Os ecossistemas dos recifes de coral entraram num estado de declínio generalizado à medida que as temperaturas globais continuam a subir, marcando o facto de o planeta ter ultrapassado o primeiro "ponto de viragem" reconhecido no sistema climático, de acordo com um novo estudo liderado pela Universidade de Exeter, no Reino Unido. O relatório alerta que se as emissões de gases com efeito de estufa não puderem ser reduzidas rapidamente, outros sistemas-chave da Terra irão gradualmente ultrapassar o limiar da transformação irreversível.

O relatório avalia sistematicamente os riscos de cerca de 20 pontos de ruptura do sistema terrestre, incluindo o colapso da camada de gelo, a subida do nível do mar e a degradação da floresta tropical amazónica. Um aumento acentuado das temperaturas globais nos últimos anos, em comparação com a primeira avaliação de há dois anos, levou os cientistas a confirmar que o primeiro ponto de viragem climático foi ultrapassado.

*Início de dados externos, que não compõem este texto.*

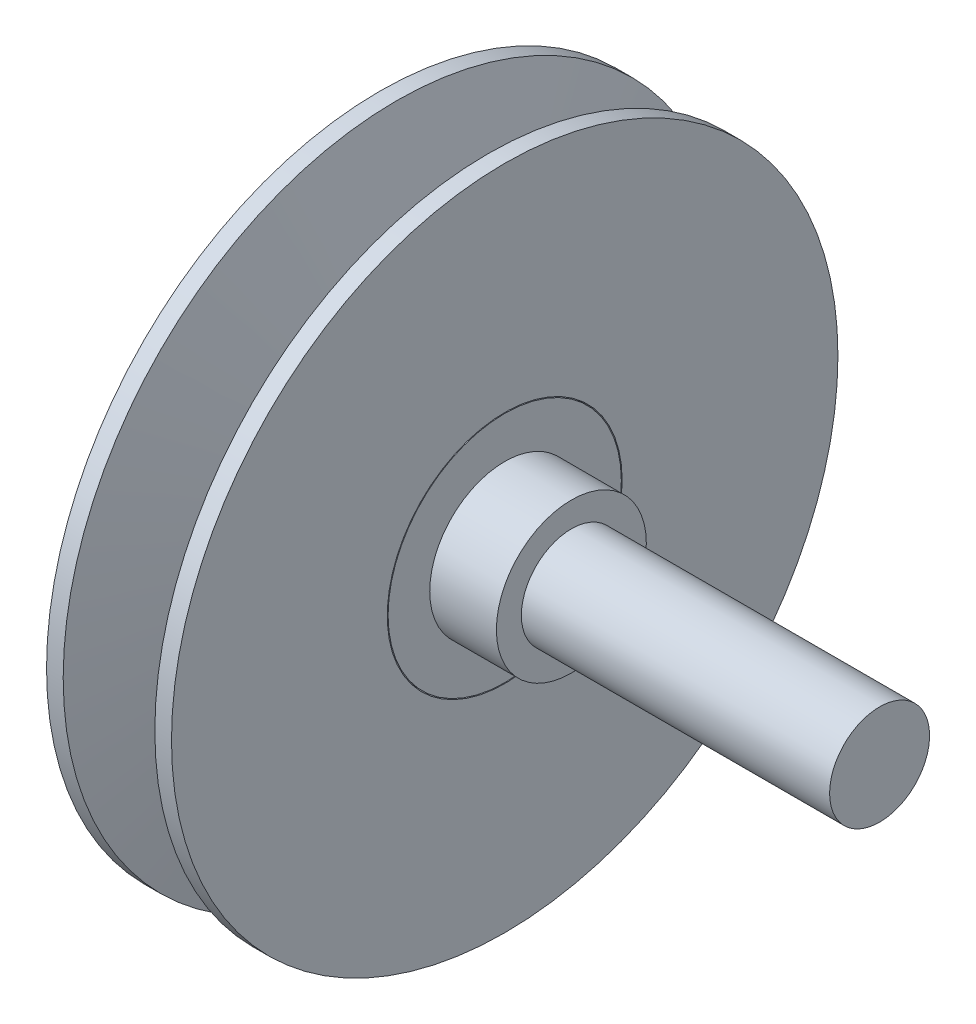
from build123d import *

# Parameters (mm, degrees)
SKETCH2_R           = 6
CUT_EXTRUDE1_DEPTH  = 59.523499554
SKETCH3_R           = 14.1
SKETCH3_R_2         = 14
CUT_EXTRUDE2_DEPTH  = 3
CUT_EXTRUDE3_START  = -3
SKETCH4_R           = 14.1
SKETCH4_R_2         = 14
CUT_EXTRUDE3_DEPTH  = 3
SKETCH5_R           = 6
BOSS_EXTRUDE1_DEPTH = 45
SKETCH6_R           = 9
BOSS_EXTRUDE2_DEPTH = 8


with BuildPart() as part:
    # Sketch1 → Revolve1 (revolve)
    with BuildSketch(Plane.XY, mode=Mode.PRIVATE) as revolve1_sk:
        with BuildLine():
            Line((0, 0), (0, 40))
            Line((0, 40), (2, 40))
            Line((2, 40), (5.047051836, 24.51725234))
            ThreePointArc((5.047051836, 24.51725234), (7.5, 22.5), (9.952948164, 24.51725234))
            Line((9.952948164, 24.51725234), (13, 40))
            Line((13, 40), (15, 40))
            Line((15, 40), (15, 0))
            Line((15, 0), (0, 0))
        make_face()
    revolve(revolve1_sk.sketch.rotate(Axis((0, 0, 0), (1, 0, 0)), 90), axis=Axis((0, 0, 0), (1, 0, 0)))

    # Sketch2 → Cut-Extrude1 (cut, through all)
    with BuildSketch(Plane.ZY):
        Circle(SKETCH2_R)
    extrude(amount=-CUT_EXTRUDE1_DEPTH, mode=Mode.SUBTRACT)

    # Sketch3 → Cut-Extrude2 (cut)
    with BuildSketch(Plane.ZY):
        Circle(SKETCH3_R)
        Circle(SKETCH3_R_2, mode=Mode.SUBTRACT)
    extrude(amount=-CUT_EXTRUDE2_DEPTH, mode=Mode.SUBTRACT)

    # Sketch4 → Cut-Extrude3 (cut)
    with BuildSketch(Plane(origin=(15, 0, 0), x_dir=(0, 0, -1), z_dir=(1, 0, 0)).offset(CUT_EXTRUDE3_START)):
        with Locations(Location((0, 0, 0), (0, 0, 180))):
            Circle(SKETCH4_R)
        with Locations(Location((0, 0, 0), (0, 0, 180))):
            Circle(SKETCH4_R_2, mode=Mode.SUBTRACT)
    extrude(amount=CUT_EXTRUDE3_DEPTH, mode=Mode.SUBTRACT)



with BuildPart() as body_2:
    # Sketch5 → Boss-Extrude1 (new body)
    with BuildSketch(Plane(origin=(15, 0, 0), x_dir=(0, 0, -1), z_dir=(1, 0, 0))):
        with Locations(Location((0, 0, 0), (0, 0, 180))):
            Circle(SKETCH5_R)
    extrude(amount=BOSS_EXTRUDE1_DEPTH)


with BuildPart() as part_1:
    add(part.part)

    add(body_2.part)  # Boss-Extrude2 merges body 2
    # Sketch6 → Boss-Extrude2 (add)
    with BuildSketch(Plane(origin=(15, 0, 0), x_dir=(0, 0, -1), z_dir=(1, 0, 0))):
        with Locations(Location((0, 0, 0), (0, 0, 180))):
            Circle(SKETCH6_R)
    extrude(amount=BOSS_EXTRUDE2_DEPTH)


solid = part_1.part

Os recifes de coral estão entre os ecossistemas mais atingidos. O aquecimento das águas oceânicas está a desencadear o branqueamento global dos corais – uma crise que ocorre quando os corais são expostos ao stress térmico e expelem as algas simbióticas que lhes fornecem nutrição e cor. Estima-se que a quarta ronda de eventos de branqueamento global, que começou em Janeiro de 2023, tenha afectado mais de 84% dos recifes de coral do mundo. Os investigadores salientaram que a crescente frequência e intensidade dos eventos de perturbação estão a dificultar a manutenção do ciclo natural de recuperação dos corais, levando ao colapso do ecossistema.
A investigação e a análise mostram que, mesmo que o futuro aquecimento global possa ser estabilizado na meta de 1,5°C estabelecida pelo Acordo de Paris, os recifes de coral continuarão a diminuir. Para manter um sistema de recifes de coral com certas funções ecológicas, o aquecimento global precisa de ser ainda mais reduzido para cerca de 1°C acima dos níveis pré-industriais, o que dependerá inevitavelmente da aplicação de tecnologias de remoção de carbono em grande escala no futuro.
O estudo destaca que lidar com estes pontos de viragem irreversíveis representa um desafio fundamental para o actual sistema de governação climática. A comunidade internacional precisa de tomar medidas de governação proporcionais à gravidade da crise, reduzir imediata e drasticamente as emissões e acelerar o desenvolvimento de tecnologias de remoção de carbono para evitar a perda de outros ecossistemas críticos.